Hola a todos estoy haciendo de proyecto final un contador pero quisiera saber como hacer para que cada presione el push button cuente uno y asi sucesivamente, ya lo conecte (el push button) con un 555 y lo puse entre el pin2 y gnd pero sigue mandando el pulso sin que yo le aplane que estoy haciendo mal? 
Aqui esta mas o menos como esta conectado
 
Se los agradecería mucho si me pudieran ayudar.


----------



## darkf3n1x (Nov 15, 2009)

el push button se conecta uno a vcc y el otro a tierra con una resistencia y del lado de la resistencia mandas ala pata 2 del 555 y ahi cada vez que presiones el botton manda el pulso segun la formula t=1.1*C*R


----------



## Fogonazo (Nov 15, 2009)

Tienes configurado el 555 como "Astable" y lo que necesitas es "Monostable"


----------



## jl ramos (Nov 15, 2009)

Aqui te dejo el monostable.
El tiempo de ecendido depende de los valores del capacitor y la resistencia


----------



## darkf3n1x (Nov 15, 2009)

perdon pero en el 5 no lleva nada el capacitor de 10 o 100 nf? ah y que es lo que hay depsues de push button perdon por la ignorancia


----------



## jl ramos (Nov 17, 2009)

El capcitor es de 200uf pero puedes variarlo de acuerdo al tiempo de encendido que deces 
tw(tiempo de encendido)= 1.1(R.C).  y con respecto al pin 5 puedes conectarle un capacitor de desacoplo 0.01uf (obcional ) siquieres lo dejas desconectado.
y lo que hay despues de el pus button es un negador eso es pork el 555 es activo en baja.
 si quieres solo tienes que ponerle un pus button de los normal mente cerrado y mandarle 5v cuestion que cuando pulses abras al circuito y mandes un cero, ha tienes k ponerle una resistencia desde el pin 2 a tierra si vas hacer eso (180homio)

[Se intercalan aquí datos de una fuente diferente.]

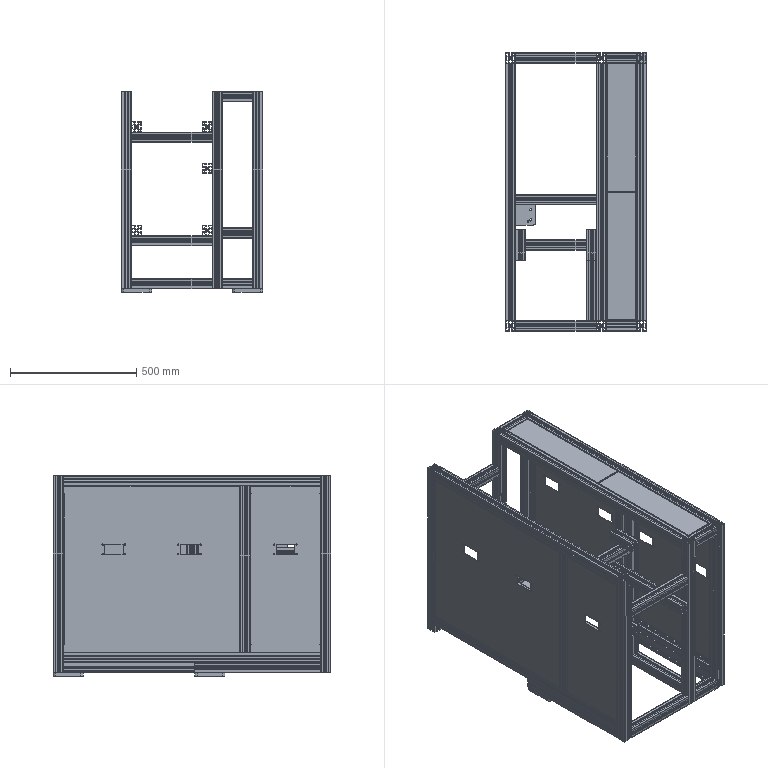Assembly | SolidWorks | mm | 41 component files | 41 solids | 3572 faces | box 560 x 1100 x 795 mm | volume 13071138 mm3 | plane 3042 | cylinder 514 | spline 16 | commonest cylinder face diameters 10.5 x170 6.8 x80 5 x56 8.5 x40 2 x36 0.762 x20 15 x20 9 x20
Bill of materials:
AluminumProfile120 | 9 | 6061 Alloy | Short straight prismatic bar with a constant square cross-section: four hollow square corner cells, a central round bore, diagonal webs, and a lengthwise slot open at the center of each of the four faces. The shortest of the profile bars in this set.
AluminumProfile320 | 6 | 6061 Alloy | Straight bar with the same four-slot square cross-section (hollow corner cells, central round bore, diagonal webs). Medium length.
AluminumProfile360 | 1 | 6061 Alloy | Straight bar with the shared four-slot square cross-section, shown with its long axis in a different orientation. Fairly long.
AluminumProfile480 | 1 | 6061 Alloy | Long straight bar with the shared four-slot square cross-section.
AluminumProfile500 | 1 | 6061 Alloy | Long straight bar with the shared four-slot square cross-section, shown in a different orientation from unnamed part.
AluminumProfile660 | 3 | 6061 Alloy | Long straight bar with the shared four-slot square cross-section, shown standing upright in the isometric view.
AluminumProfile720 | 5 | 6061 Alloy | The longest, most slender bar in the set, with the shared four-slot square cross-section.
AluminumProfile780 | 6 | 6061 Alloy | Long upright bar with the shared four-slot square cross-section, a little more slender than unnamed part.
AluminumProfileHFS8-4080Length720 | 1 | 1060 Alloy | Long straight prismatic bar with a constant rectangular cross-section, about 1:2 in aspect. The profile is a slotted extrusion-style section: two undercut T-shaped slots on each long side, one on each short side, two round center bores, an enclosed central cavity and four corner cavities.
CasterFixingPlate3 | 2 |  | Flat, thick square plate with rounded corners and nine plain round through-holes in two sizes, arranged in an asymmetric pattern.
SheetMetal120x510 | 2 |  | Long, shallow, thin-walled rectangular tray or cover: a flat, featureless top panel with short downturned flanges on all four edges. The flanges have open slots with rounded ends cut up from their free edges.
ThreeLowRackSidePlate1 | 2 | AISI 304 | Thin, flat rectangular panel, taller than it is wide (about 0.74:1). It has two rectangular through-cutouts side by side in the upper half, each with four small holes at its corners. Narrow edge returns or flanges run along two opposite edges.
ThreeLowRackSidePlate2 | 1 | AISI 304 | Thin, flat rectangular panel, a little wider than it is tall (about 1.06:1). Its features match unnamed part: two rectangular cutouts with four corner holes each, and narrow edge returns on two opposite edges.
ThreeLowRackSidePlate3 | 1 | AISI 304 | Thin, tall rectangular sheet-style panel with short bent-over flanges along its edges. It has one rectangular through-cutout centered side to side in the upper-middle area, with four small holes, one near each corner of the cutout.
Mates:
1. coincident | assembly face at (-24.557, -21.948, 2030) dir (-1, 0, 0) | assembly face at (-24.557, -1661.948, 1170) dir (-1, 0, 0)
2. coincident | assembly face at (-24.557, -21.948, 2030) dir (0, -1, 0) | assembly face at (15.443, -21.948, 1170) dir (0, 1, 0)
3. coincident | assembly face at (78.108, 18.052, 1170) dir (0, 0, 1) | assembly face at (-24.557, -1661.948, 1170) dir (0, 0, 1)
4. coincident | assembly face at (-24.557, -21.948, 2030) dir (-1, 0, 0) | assembly face at (-24.557, 898.052, 590) dir (-1, 0, 0)
5. coincident | assembly face at (-24.557, -21.948, 2030) dir (0, -1, 0) | assembly face at (15.443, -21.948, 692.665) dir (0, 1, 0)
6. distance | assembly face at (-24.557, 898.052, 630) dir (0, 0, 1) | assembly face at (-24.557, -1661.948, 1130) dir (0, 0, -1)
7. coincident | assembly face at (-24.557, -1661.948, 1170) dir (-1, 0, 0) | assembly face at (-24.557, -781.948, 2090) dir (-1, 0, 0)
8. coincident | assembly face at (-24.557, -1661.948, 1170) dir (0, 0, 1) | assembly face at (78.108, -741.948, 1170) dir (0, 0, 1)
9. coincident | assembly face at (15.443, -741.948, 1067.335) dir (0, -1, 0) | assembly face at (-24.557, -741.948, 2090) dir (0, 1, 0)
10. coincident | assembly face at (-24.557, -21.948, 2030) dir (0, -1, 0) | assembly face at (-1664.557, -21.948, 1130) dir (0, -1, 0)
11. coincident | assembly face at (-24.557, -21.948, 2030) dir (-1, 0, 0) | assembly face at (-24.557, 18.052, 1170) dir (1, 0, 0)
12. coincident | assembly face at (-24.557, -1661.948, 1170) dir (0, 0, 1) | assembly face at (-1664.557, 18.052, 1170) dir (0, 0, 1)
13. coincident | assembly face at (-24.557, -781.948, 2090) dir (0, -1, 0) | assembly face at (-1664.557, -781.948, 590) dir (0, -1, 0)
14. coincident | assembly face at (-24.557, -781.948, 2090) dir (-1, 0, 0) | assembly face at (-24.557, -741.948, 590) dir (1, 0, 0)
15. coincident | assembly face at (-24.557, 898.052, 630) dir (0, 0, 1) | assembly face at (-1664.557, -781.948, 630) dir (0, 0, 1)
16. coincident | assembly face at (-24.557, -781.948, 2090) dir (-1, 0, 0) | assembly face at (-24.557, 18.052, 527.335) dir (1, 0, 0)
17. coincident | assembly face at (-24.557, -21.948, 2030) dir (0, -1, 0) | assembly face at (1495.443, -21.948, 630) dir (0, -1, 0)
18. coincident | assembly face at (-24.557, 898.052, 630) dir (0, 0, 1) | assembly face at (1495.443, -21.948, 630) dir (0, 0, 1)
19. coincident | assembly face at (-24.557, -781.948, 2090) dir (0, -1, 0) | assembly face at (1495.443, -781.948, 1170) dir (0, -1, 0)
20. coincident | assembly face at (-24.557, -781.948, 2090) dir (-1, 0, 0) | assembly face at (-24.557, -741.948, 1067.335) dir (1, 0, 0)
21. coincident | assembly face at (-24.557, -1661.948, 1170) dir (0, 0, 1) | assembly face at (1495.443, -781.948, 1170) dir (0, 0, 1)
22. coincident | assembly face at (-1664.557, 18.052, 1170) dir (0, 0, 1) | assembly face at (-81.892, 18.052, 1170) dir (0, 0, 1)
23. coincident | assembly face at (-144.557, -84.613, 1170) dir (-1, 0, 0) | assembly face at (-144.557, -21.948, 2030) dir (1, 0, 0)
24. coincident | assembly face at (-1664.557, -21.948, 1130) dir (0, -1, 0) | assembly face at (-184.557, -21.948, 2030) dir (0, -1, 0)
25. coincident | assembly face at (-144.557, -741.948, 692.665) dir (-1, 0, 0) | assembly face at (-144.557, -781.948, 2030) dir (1, 0, 0)
26. coincident | assembly face at (-1664.557, -781.948, 590) dir (0, -1, 0) | assembly face at (-184.557, -781.948, 2030) dir (0, -1, 0)
27. coincident | assembly face at (1495.443, -781.948, 1170) dir (0, 0, 1) | assembly face at (-81.892, -741.948, 1170) dir (0, 0, 1)
28. coincident | assembly face at (-184.557, -741.948, 2030) dir (0, 1, 0) | assembly face at (-144.557, -741.948, 527.335) dir (0, -1, 0)
29. coincident | assembly face at (-184.557, -781.948, 2030) dir (-1, 0, 0) | assembly face at (-184.557, -1661.948, 630) dir (-1, 0, 0)
30. coincident | assembly face at (-1664.557, -781.948, 630) dir (0, 0, 1) | assembly face at (-184.557, -1661.948, 630) dir (0, 0, 1)
31. coincident | assembly face at (-184.557, -21.948, 2030) dir (-1, 0, 0) | assembly face at (-184.557, 898.052, 1170) dir (-1, 0, 0)
32. coincident | assembly face at (-184.557, -21.948, 2030) dir (0, -1, 0) | assembly face at (-81.892, -21.948, 1130) dir (0, 1, 0)
33. coincident | assembly face at (-1664.557, 18.052, 1170) dir (0, 0, 1) | assembly face at (-184.557, 898.052, 1170) dir (0, 0, 1)
34. coincident | assembly face at (-184.557, -781.948, 2030) dir (-1, 0, 0) | assembly face at (-184.557, -741.948, 590) dir (1, 0, 0)
35. coincident | assembly face at (-184.557, -781.948, 2030) dir (0, -1, 0) | assembly face at (-1824.557, -781.948, 590) dir (0, -1, 0)
36. coincident | assembly face at (-184.557, -1661.948, 630) dir (0, 0, 1) | assembly face at (-1824.557, -781.948, 630) dir (0, 0, 1)
37. coincident | assembly face at (-184.557, -21.948, 2030) dir (-1, 0, 0) | assembly face at (-184.557, 18.052, 630) dir (1, 0, 0)
38. coincident | assembly face at (-184.557, -21.948, 2030) dir (0, -1, 0) | assembly face at (-1824.557, -21.948, 590) dir (0, -1, 0)
39. coincident | assembly face at (-184.557, -1661.948, 630) dir (0, 0, 1) | assembly face at (-1824.557, 18.052, 630) dir (0, 0, 1)
40. coincident | assembly face at (-184.557, -21.948, 2030) dir (-1, 0, 0) | assembly face at (-184.557, 18.052, 970) dir (1, 0, 0)
41. coincident | assembly face at (-184.557, -21.948, 2030) dir (0, -1, 0) | assembly face at (-1824.557, -21.948, 970) dir (0, -1, 0)
42. distance | assembly face at (-1664.557, 18.052, 1170) dir (0, 0, 1) | assembly face at (-1824.557, -21.948, 1010) dir (0, 0, 1)
43. coincident | assembly face at (-184.557, -781.948, 2030) dir (0, -1, 0) | assembly face at (-1824.557, -781.948, 970) dir (0, -1, 0)
44. coincident | assembly face at (-184.557, -781.948, 2030) dir (-1, 0, 0) | assembly face at (-184.557, -741.948, 1010) dir (1, 0, 0)
45. distance | assembly face at (-184.557, 898.052, 1170) dir (0, 0, 1) | assembly face at (-1824.557, -741.948, 1010) dir (0, 0, 1)
46. coincident | assembly face at (-184.557, -21.948, 2030) dir (-1, 0, 0) | assembly face at (-184.557, 1578.052, 1050) dir (1, 0, 0)
47. coincident | assembly face at (-1824.557, -21.948, 1010) dir (0, 0, 1) | assembly face at (-224.557, 1578.052, 1010) dir (0, 0, -1)
48. distance | assembly face at (-224.557, -61.948, 1010) dir (0, -1, 0) | assembly face at (-1824.557, -21.948, 970) dir (0, -1, 0)
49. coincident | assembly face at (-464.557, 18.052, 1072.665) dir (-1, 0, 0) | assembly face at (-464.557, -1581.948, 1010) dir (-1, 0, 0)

aqui te dejo el archivo modificado


----------



## tecnogirl (Nov 18, 2009)

diamond... el esquma posteado esta incompleto o no corresponde para un contador, necesitas otro tipo de circuitos llamados contadores binarios como el 7490, 7493, etc. El 555 te sobra, ya que estas enviando los pulsos de conteo con un pulsador. Salu2.


----------